昇給と同一労働・同一賃金

1.賃金カーブ維持
 
 この1月に、平成22年の春闘情勢については、昨年度のダメージがあまりに大きかったため「昨年の未曾有の春闘よりまだ悪い」と書きましたが、終わってみると、まあ、そこそこの結果であったようです。
 大手労働組合は、あいかわらず、従来の賃金表とその運用を死守する「賃金カーブ維持」という保守的な闘争方針を断固貫徹したわけです。

2.同一労働・同一賃金

 多くの労働組合は、産業間・企業間・男女間・正規非正規などの雇用形態間において、同一労働・同一賃金の原則を主張します。
 そして高い方にあわせるよう努力することを旨とします。原則は。
 集団的労使関係による運動なのだから、当然と言えば当然。

 確かに!「賃金」とは、ときに見られるヌルイ定め通りに、働かなくても貰ってしまえることもある「給与」と違って、神聖な労働の対価(価値)です。

 同じ価値を生み出す仕事をしているのに、AよりもBが不当に低い賃金であることは、不正義なことであると言えます。
 Bよりも格段に高い賃金をもらっているAが、ほんとうにBと同じ仕事しかしていないのであれば、それは別の方面からも大きな問題です。
 その原因が、Bの「国籍」「信条」「社会的身分」及び「性差」であるならば、労働基準法第3条(均等待遇)及び第4条(男女同一賃金の原則)に違反して違法です。その違反には「6カ月以下の懲役又は30万円以下の罰金」という罰則があります。

3.話は飛んで・・・・、労基法違反

 余談ですが・・・・、労働基準法違反が重大で(サカラッたり、ウソをついたりして)悪質な場合には、そのような罰則が適用されます。
 労働基準監督官は、労働基準法違反の「罪」について、刑事訴訟法に規定する司法警察官(捜査権・逮捕権有り、武器携行は不可、手錠・捕縄・腰縄は携帯可)の職務を行うことになっています。
 使用者が監督官を、他の行政職員のようにナメなめたり、サカラッていたりすると、突然ガバ!と立ち上がって「変身!」します(某監督署で目撃)。 
 まあ大抵は、「変身」される前に・・・・、「是正勧告」を受けた段階で、是正期日までに真面目に改善・是正し、「是正報告」を出して、勘弁してもらいます。

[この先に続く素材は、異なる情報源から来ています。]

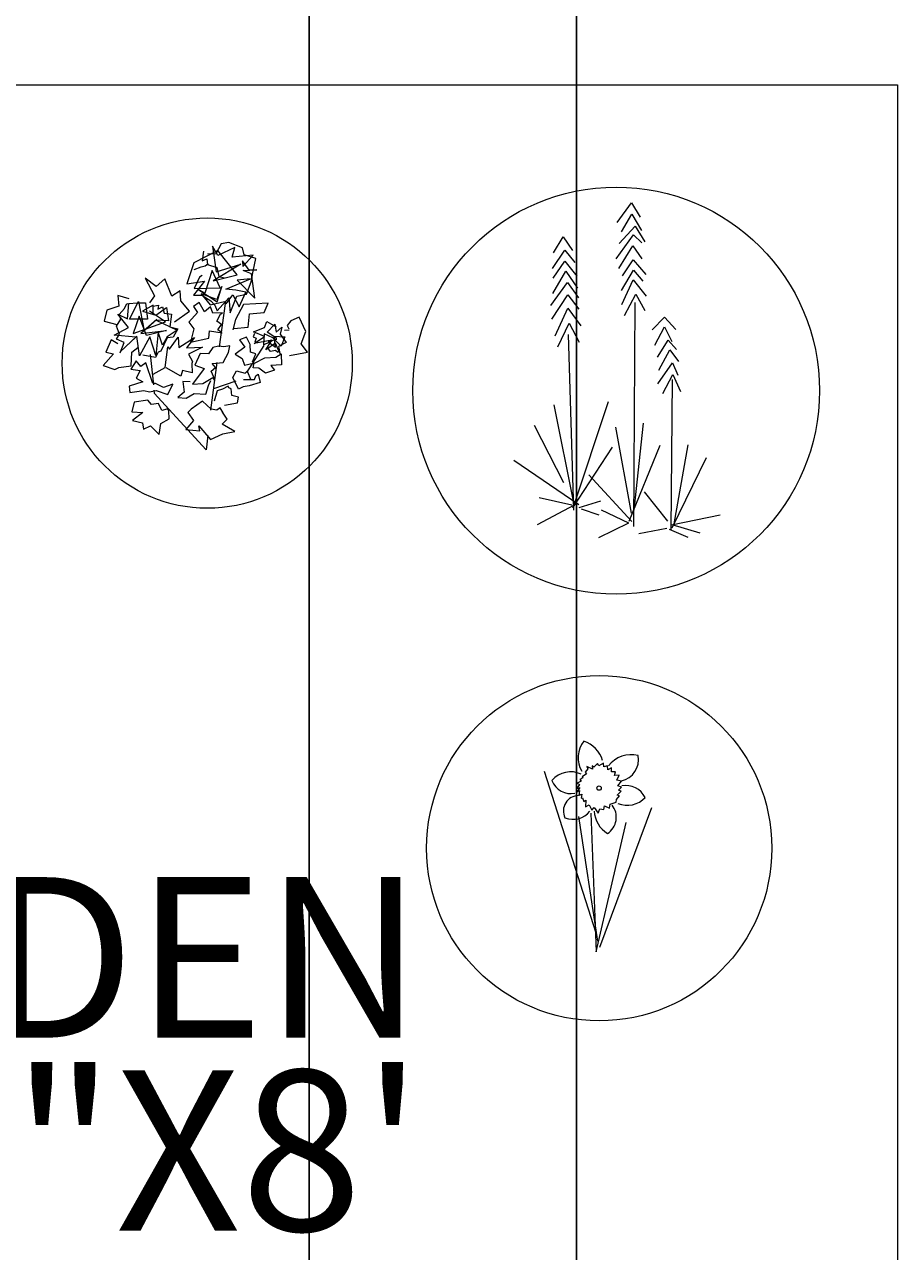
# Model space of a CAD drawing. Units: inches. Extents: x 8049 to 8459, y 820 to 1350.
# Tile 17 of 25: x 8165 to 8197, y 906 to 952. Entities that reach past the tile are written whole.
import ezdxf

# ---------------------------------------------------------------- set-up
doc = ezdxf.new("R2010")
doc.units = ezdxf.units.IN
doc.header["$MEASUREMENT"] = 0
for name, color, linetype, lineweight in [('A-ANNO-DIMS', 2, 'Continuous', 18), ('A-AREA-IDEN', 7, 'Continuous', 25), ('L-PLNT-BEDS', 94, 'Continuous', 18), ('zelen', 69, 'Continuous', 13)]:
    doc.layers.add(name, color=color, linetype=linetype, lineweight=lineweight)
doc.styles.get("Standard").update_dxf_attribs({"font": 'arial.ttf'})
doc.dimstyles.get("Standard").update_dxf_attribs({"dimtxt": 0.18, "dimasz": 0.18, "dimexe": 0.18, "dimexo": 0.0625, "dimgap": 0.09, "dimtad": 0, "dimtih": 1, "dimtoh": 1, "dimdec": 4, "dimzin": 0, "dimdsep": 46, "dimtxsty": 'Standard', "dimcen": 0.09, "dimadec": 0, "dimazin": 0, "dimtfac": 1, "dimtdec": 4, "dimtofl": 0, "dimtmove": 0, "dimatfit": 3, "dimfxl": 1, "dimtolj": 1, "dimtzin": 0, "dimarcsym": 0})

# ---------------------------------------------------------------- blocks, each defined once
blk = doc.blocks.new('z_05')
for p, q in [((36.3, 389.4), (-47, 347)), ((-12.6, 387.1), (-18.2, 353.9)), ((18.3, 405.2), (30.8, 316.1)), ((36.6, 372.7), (18.3, 405.2)), ((47.7, 413.4), (29.2, 377.9)), ((103.3, 306), (36.3, 389.4)), ((74.4, 417.3), (47.7, 413.4)), ((95.8, 400.3), (55.9, 381.9)), ((122.3, 398.9), (74.4, 417.3)), ((86.6, 366.4), (95.8, 400.3)), ((127.9, 375.3), (122.3, 398.9)), ((-47, 347), (-70.6, 274.7)), ((-18.2, 353.9), (-1, 361.5)), ((-6.8, 337.2), (2.7, 345.1)), ((-1, 361.5), (0.6, 341.4)), ((0.6, 341.4), (32.6, 331.6)), ((29.2, 377.9), (0.9, 377.3)), ((116, 342.1), (21, 284.9)), ((30.8, 316.1), (116, 342.1)), ((55.9, 381.9), (36.6, 372.7)), ((158.8, 374.3), (86.6, 366.4)), ((122.6, 354.6), (122.8, 334.2)), ((145.3, 321.4), (122.6, 354.6)), ((122.8, 334.2), (158.8, 374.3)), ((168.1, 362.8), (127.9, 375.3)), ((159.1, 318.4), (168.1, 362.8)), ((-45.7, 324.7), (-21.4, 333.2)), ((-26.7, 298.1), (-45.4, 258.6)), ((-17.9, 303), (-26.7, 298.1)), ((-21.4, 333.2), (-6.8, 337.2)), ((17, 320.7), (-8.1, 242.2)), ((44.8, 260.6), (17, 320.7)), ((21, 284.9), (103.3, 306)), ((32.6, 331.6), (40.3, 300)), ((40.3, 300), (59.6, 295.4)), ((124.7, 321.1), (172, 322.7)), ((153, 309.2), (124.7, 321.1)), ((172, 322.7), (145.3, 321.4)), ((152.5, 282), (159.1, 318.4)), ((164.9, 225.4), (153, 309.2)), ((-214.6, 294.2), (-182.9, 233.1)), ((-176.8, 265.8), (-214.6, 294.2)), ((-147, 291.7), (-176.8, 265.8)), ((-122.2, 232.2), (-147, 291.7)), ((-70.6, 274.7), (-9.7, 283.3)), ((-9.7, 283.3), (-47.6, 235.3)), ((-45.4, 258.6), (44.8, 260.6)), ((-32.2, 256.7), (34.5, 212)), ((-8.1, 242.2), (-32.2, 256.7)), ((50.3, 265.9), (32.6, 220.2)), ((34.5, 212), (50.3, 265.9)), ((63.8, 256.3), (149.6, 291.5)), ((98.5, 252.7), (63.8, 256.3)), ((149.6, 291.5), (103.8, 287.6)), ((103.8, 287.6), (164.9, 225.4)), ((136.1, 238.6), (152.5, 282)), ((-309.5, 234.4), (-305.8, 197.1)), ((-270.2, 222.5), (-309.5, 234.4)), ((-269.3, 152.8), (-238.3, 213.9)), ((-238.3, 213.9), (-219, 112.4)), ((-182.9, 233.1), (-200.1, 208.7)), ((-93.7, 249.9), (-122.2, 232.2)), ((-92, 215.4), (-93.7, 249.9)), ((-61.3, 180), (-92, 215.4)), ((-47.6, 235.3), (-18.5, 235)), ((-20.6, 240.2), (9.6, 201.8)), ((32.6, 220.2), (-20.6, 240.2)), ((-18.5, 235), (12, 215.9)), ((9.6, 201.8), (59.9, 213.6)), ((12, 215.9), (26.8, 200.5)), ((34.5, 180.8), (74.9, 225.8)), ((59.9, 213.6), (65.9, 205.1)), ((65.9, 205.1), (89, 236.9)), ((74.9, 225.8), (79.7, 173.9)), ((79.7, 173.9), (102.7, 232.4)), ((89, 236.9), (110.4, 195.2)), ((133.2, 245.8), (98.5, 252.7)), ((102.7, 232.4), (136.1, 238.6)), ((110.4, 195.2), (133.2, 245.8)), ((-348.1, 183.4), (-357.4, 145.5)), ((-305.8, 197.1), (-348.1, 183.4)), ((-309.5, 169.9), (-275.9, 153.5)), ((-272.4, 123.9), (-309.5, 169.9)), ((-305.7, 168.7), (-286.6, 188.7)), ((-286.6, 188.7), (-279, 206.4)), ((-279, 206.4), (-271.8, 204.4)), ((-275.9, 153.5), (-271.1, 207)), ((-271.1, 207), (-242.8, 209.3)), ((-242.8, 209.3), (-214.2, 208.4)), ((-187.8, 200.8), (-224.5, 180.1)), ((-224.5, 180.1), (-178.5, 166)), ((-214.2, 208.4), (-206.8, 152.2)), ((-144.4, 143), (-200.5, 180.1)), ((-188.9, 197.7), (-168.6, 200.5)), ((-187, 168.3), (-187.8, 200.8)), ((-178.5, 166), (-140.9, 192.9)), ((-168.6, 200.5), (-171.2, 187.4)), ((-171.2, 187.4), (-155.1, 195.5)), ((-155.1, 195.5), (-149.1, 172.6)), ((-149.1, 172.6), (-124.4, 169.6)), ((-140.9, 192.9), (-133.8, 146.3)), ((-113.4, 143.1), (-61.3, 180)), ((-33.6, 175.7), (-64.3, 142.3)), ((-28.6, 209.9), (-48, 196.2)), ((-48, 196.2), (-33.6, 175.7)), ((-10, 177.5), (-28.6, 209.9)), ((10.9, 194.8), (-10, 177.5)), ((19.4, 173.3), (10.9, 194.8)), ((53.3, 173.7), (19.4, 173.3)), ((26.8, 200.5), (34.5, 180.8)), ((42.3, 56.3), (63, 206.2)), ((45.7, 169.6), (53.3, 173.7)), ((125, 202.6), (98, 151)), ((211.1, 208.1), (125, 202.6)), ((141.3, 124.8), (146.2, 170.9)), ((146.2, 170.9), (197.5, 175.4)), ((197.5, 175.4), (211.1, 208.1)), ((-357.4, 145.5), (-313.2, 134.2)), ((-314.6, 127.8), (-299.4, 152.8)), ((-303.6, 100.1), (-314.6, 127.8)), ((-299.4, 152.8), (-305.7, 168.7)), ((-206.8, 152.2), (-269.3, 152.8)), ((-236.2, 163), (-257.1, 102.9)), ((-257.1, 102.9), (-144.4, 143)), ((-210, 96), (-236.2, 163)), ((-174.3, 151.5), (-230.4, 103.2)), ((-219, 112.4), (-174.3, 151.5)), ((-177.2, 148.6), (-104.7, 113.7)), ((-133.8, 146.3), (-177.2, 148.6)), ((-124.4, 169.6), (-129.3, 125.2)), ((-64.3, 142.3), (-46.8, 118.9)), ((33.2, 145.5), (45.7, 169.6)), ((49.2, 133.6), (33.2, 145.5)), ((36.7, 115.6), (49.2, 133.6)), ((98, 151), (88.7, 115.9)), ((198.5, 123.6), (206.2, 144.3)), ((206.2, 144.3), (238.2, 125.2)), ((207.2, 107.5), (234.5, 134.4)), ((234.5, 134.4), (238.7, 107.5)), ((289, 146.8), (276.7, 130.9)), ((276.7, 130.9), (282.3, 119)), ((318.2, 159), (289, 146.8)), ((341.6, 110.1), (318.2, 159)), ((-322.2, 96.6), (-272.4, 123.9)), ((-247, 90.1), (-322.2, 96.6)), ((-314.4, 82.9), (-303.6, 100.1)), ((-244.4, 93.4), (-301.8, 39.5)), ((-301.8, 39.5), (-247, 90.1)), ((-234.9, 25.3), (-244.4, 93.4)), ((-199.4, 90.7), (-234.9, 25.3)), ((-230.4, 103.2), (-141.2, 113.4)), ((-141.2, 113.4), (-210, 96)), ((-177.7, 26.3), (-199.4, 90.7)), ((-170.3, 107.2), (-177.7, 26.3)), ((-154.7, 62.5), (-170.3, 107.2)), ((-138.6, 87.7), (-161.1, 41.4)), ((-138.8, 91.1), (-154.7, 62.5)), ((-104.7, 113.7), (-138.8, 91.1)), ((-117.9, 89.5), (-138.6, 87.7)), ((-130.7, 48.4), (-100.9, 90.4)), ((-129.3, 125.2), (-102.3, 118.9)), ((-102.3, 118.9), (-117.9, 89.5)), ((-100.9, 90.4), (-98.5, 54.7)), ((-98.5, 54.7), (-43.7, 88.9)), ((-43.7, 88.9), (-71.8, 53.1)), ((-46.8, 118.9), (-58.1, 72.1)), ((-58.1, 72.1), (5.6, 86.3)), ((5.6, 86.3), (7.6, 111.7)), ((7.6, 111.7), (51.8, 105.2)), ((48.6, 107.6), (36.7, 115.6)), ((91.6, 119.6), (141.3, 124.8)), ((135.5, 89.5), (111.9, 81.1)), ((148.3, 64.3), (135.5, 89.5)), ((163.2, 102.8), (159.3, 91.6)), ((159.3, 91.6), (169, 86.6)), ((159.9, 108.8), (198.5, 123.6)), ((197.7, 92.7), (159.9, 108.8)), ((162.5, 68.1), (197.7, 92.7)), ((169, 86.6), (165, 72.9)), ((196.9, 101.2), (195.1, 63.5)), ((226.8, 87.8), (196.9, 101.2)), ((241.1, 84.8), (207.2, 107.5)), ((255.9, 59.2), (226.8, 87.8)), ((231.3, 94), (268.9, 91.4)), ((236.9, 55.9), (231.3, 94)), ((238.7, 107.5), (258, 124.6)), ((258, 124.6), (252.2, 100.6)), ((252.2, 100.6), (273.6, 71.3)), ((268.9, 91.4), (255.9, 59.2)), ((284.1, 114.7), (267.1, 113.5)), ((324.9, 66.8), (341.6, 110.1)), ((-333.3, 80.8), (-351, 37.5)), ((-309.7, 66.5), (-333.3, 80.8)), ((-288, 71.4), (-314.4, 82.9)), ((-302, 35.3), (-288, 71.4)), ((-260.8, 38.4), (-240.2, 53.7)), ((-145.9, -14.9), (-136.6, 56.2)), ((-136.6, 56.2), (-130.7, 48.4)), ((-71.8, 53.1), (-16.6, 55.1)), ((-16.6, 55.1), (-64.6, 31.5)), ((19, 54.4), (4.5, 32.1)), ((38.8, 58.6), (19, 54.4)), ((57.8, 57), (38.8, 58.6)), ((78.7, 59.7), (57.8, 57)), ((73.6, 37.4), (78.7, 59.7)), ((130.2, 55.1), (97.1, 31.2)), ((111.9, 81.1), (130.2, 55.1)), ((137.3, -32.7), (196.8, 60.8)), ((149.9, 38.3), (148.3, 64.3)), ((223.6, 79.6), (162.5, 68.1)), ((195.1, 63.5), (241.1, 84.8)), ((203.3, 46.4), (223.6, 79.6)), ((236.3, 69.4), (203.3, 46.4)), ((239.5, 81.5), (211.5, 73.6)), ((211.5, 73.6), (236.9, 55.9)), ((218.6, 40.3), (212.6, 49.9)), ((236.5, 44), (218.6, 40.3)), ((250.9, 32.9), (236.3, 69.4)), ((244.2, 36.6), (236.5, 44)), ((273.6, 71.3), (246.7, 57.2)), ((246.7, 57.2), (250.9, 32.9)), ((347.5, 37.8), (324.9, 66.8)), ((-324.2, 32.6), (-360.1, -8.6)), ((-351, 37.5), (-324.2, 32.6)), ((-246.1, 8.6), (-264.6, -20.3)), ((-263.3, -9.2), (-260.8, 38.4)), ((-229.7, -11.4), (-246.1, 8.6)), ((-212.5, 1.1), (-229.7, -11.4)), ((-179.1, 19.6), (-222.6, 27.6)), ((-188.1, -70.9), (-212.5, 1.1)), ((-197.6, 30.4), (-186.7, -75.1)), ((-170.2, 37.7), (-179.1, 19.6)), ((-161.1, 41.4), (-170.2, 37.7)), ((-64.6, 31.5), (-51.4, 5.7)), ((-51.4, 5.7), (-53.3, -1)), ((-24.4, 33.3), (-43.1, -6.5)), ((4.5, 32.1), (-24.4, 33.3)), ((12.2, -162.5), (34.8, 2)), ((17.3, -0.7), (54.6, 2.8)), ((54.6, 2.8), (73.6, 37.4)), ((97.1, 31.2), (121.2, 16.7)), ((121.2, 16.7), (128.5, -6.7)), ((168.1, 32.5), (149.9, 38.3)), ((156.5, 4.8), (168.1, 32.5)), ((159.5, -16), (162.4, 0.9)), ((163.5, 0), (199.5, 18.3)), ((199.5, 18.3), (237.6, 20.3)), ((237.6, 20.3), (256.2, 32.8)), ((256.2, 32.8), (257.4, -5.3)), ((284.6, 26.2), (347.5, 37.8)), ((-360.1, -8.6), (-319.8, -21.4)), ((-319.8, -21.4), (-305.8, -15)), ((-305.8, -15), (-263.3, -9.2)), ((-264.6, -20.3), (-232.2, -25.5)), ((-232.2, -25.5), (-245.8, -51.9)), ((-187.7, -38.6), (-145.9, -14.9)), ((-91.7, -44.5), (-142, -16)), ((-85.5, -25.9), (-91.7, -44.5)), ((-52.3, -34), (-85.5, -25.9)), ((-53.3, -1), (-52.3, -34)), ((-11.2, -18.3), (-50.9, -72.3)), ((-43.1, -6.5), (-11.2, -18.3)), ((14.1, -27.4), (28.8, -14.9)), ((25.9, -56.8), (14.1, -27.4)), ((28.8, -14.9), (17.3, -0.7)), ((88.3, -50.2), (101.1, -26.2)), ((101.1, -26.2), (131.6, -34.3)), ((128.5, -6.7), (158.7, -0.6)), ((131.6, -34.3), (137.9, -27.4)), ((137.9, -27.4), (150.4, -57.2)), ((179.2, -17.2), (159.5, -16)), ((168.4, -43.5), (176.2, -37.8)), ((176.2, -37.8), (183.5, -67.3)), ((201.2, -35.1), (179.2, -17.2)), ((232.4, -24.4), (201.2, -35.1)), ((257.4, -5.3), (219.7, -8.5)), ((219.7, -8.5), (232.4, -24.4)), ((-222.9, -64.1), (-270.2, -79.3)), ((-270.2, -79.3), (-268.3, -101.3)), ((-245.8, -51.9), (-222.9, -64.1)), ((-179.4, -70.6), (-185, -70.2)), ((-151.1, -84.7), (-179.4, -70.6)), ((-119.1, -72.9), (-151.1, -84.7)), ((-137, -108.6), (-119.1, -72.9)), ((-84.6, -63.8), (-80.4, -99.9)), ((-59, -65.1), (-84.6, -63.8)), ((-50.9, -72.3), (-15.2, -70.2)), ((-15.2, -70.2), (19.4, -49.1)), ((-5.1, -107.6), (3.9, -77.8)), ((3.9, -77.8), (12.1, -59.8)), ((19.4, -49.1), (24.6, -59.5)), ((99.1, -62.5), (22.1, -89.1)), ((72.1, -79.9), (52.8, -90)), ((75, -85.4), (72.1, -79.9)), ((107.8, -89.9), (88.3, -50.2)), ((124.2, -82.4), (107.8, -89.9)), ((123.4, -54.1), (123.7, -54)), ((145.4, -78.6), (124.2, -82.4)), ((125.8, -57.1), (163.6, -56.6)), ((183.5, -67.3), (145.4, -78.6)), ((163.6, -56.6), (168.4, -43.5)), ((-268.3, -101.3), (-219.9, -94.9)), ((-219.9, -94.9), (-199.8, -99.2)), ((-199.8, -99.2), (-177.4, -94.6)), ((-184.9, -93), (-183.8, -103.6)), ((-183.8, -103.6), (-3.6, -299.6)), ((-177.4, -94.6), (-137, -108.6)), ((-80.4, -99.9), (-101.4, -118.3)), ((-101.4, -118.3), (-72.6, -121.5)), ((-72.6, -121.5), (-45.6, -105.4)), ((-45.6, -105.4), (-5.1, -107.6)), ((34.7, -95.4), (23.5, -131.1)), ((52.8, -90), (34.7, -95.4)), ((82.5, -89.1), (75, -85.4)), ((85.1, -112.3), (82.5, -89.1)), ((108, -117.3), (85.1, -112.3)), ((104.9, -137.2), (108, -117.3)), ((-253.7, -134.6), (-261.4, -168.3)), ((-261.4, -168.3), (-223.5, -170.8)), ((-205.8, -128), (-253.7, -134.6)), ((-192.7, -142.7), (-205.8, -128)), ((-168.7, -140.1), (-192.7, -142.7)), ((-157, -164.4), (-168.7, -140.1)), ((-139.9, -158.9), (-157, -164.4)), ((-133.5, -165.3), (-138.4, -154.1)), ((-131.8, -192.3), (-133.5, -165.3)), ((-55.5, -159.5), (-67.8, -171.1)), ((-16.2, -131.7), (-55.5, -159.5)), ((13.1, -159.3), (-16.2, -131.7)), ((32.6, -162.8), (13.1, -159.3)), ((45, -154.1), (32.6, -162.8)), ((55.2, -172.3), (45, -154.1)), ((69.1, -193.4), (52.3, -169.2)), ((59.4, -145.7), (104.9, -137.2)), ((-223.5, -170.8), (-259.2, -198.1)), ((-259.2, -198.1), (-224.7, -206)), ((-224.7, -206), (-221.4, -228.1)), ((-166.3, -247.2), (-160.4, -209.4)), ((-160.4, -209.4), (-131.8, -192.3)), ((-47.6, -198.1), (-74.3, -229.2)), ((-67.8, -171.1), (-47.6, -198.1)), ((51.3, -211.7), (69.1, -193.4)), ((95.2, -236.2), (51.3, -211.7)), ((-221.4, -228.1), (-196.4, -217.5)), ((-196.4, -217.5), (-166.3, -247.2)), ((-74.3, -229.2), (-25.6, -233.9)), ((-29.7, -216.4), (11.5, -264)), ((-25.6, -233.9), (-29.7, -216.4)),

 また労働者は、労働基準法またはそれに基づく命令に違反する事実がある場合、その事実を監督官に申告することができます。それは、よくある話です。その
「申告は、刑事訴訟法第230条の告訴及び同法第239条の告発のように当該犯罪の訴追を求める意思表示を必要としない」ので、
 労働者はこっそり申告して、監督官はたまたま臨検に来たような顔をして「是正勧告!」ということが多いのです
「が、」しかし
「犯罪の訴追を求める意思をもってなされた申告は、右の告訴又は告発であるから、この場合、労働基準監督官は、司法警察職員として刑事訴訟法第241条以下の(送検)手続きにより処理しなければならない」ことになります。
 こういう・・・・「怨みに満ちた意思の申告」をする人やそれを煽る人は、今後、確実に増えていくことでしょう。

4.何故、昇給があるのか?

 話は戻って、とにかく賃金は公正でなくてはいけません。

 では昇給とは何でしょうか。
 それは賃金カーブ全体を上げるベースアップと個人が賃金カーブというエスカレーターに乗るように上がる定昇が組み合わさったものです。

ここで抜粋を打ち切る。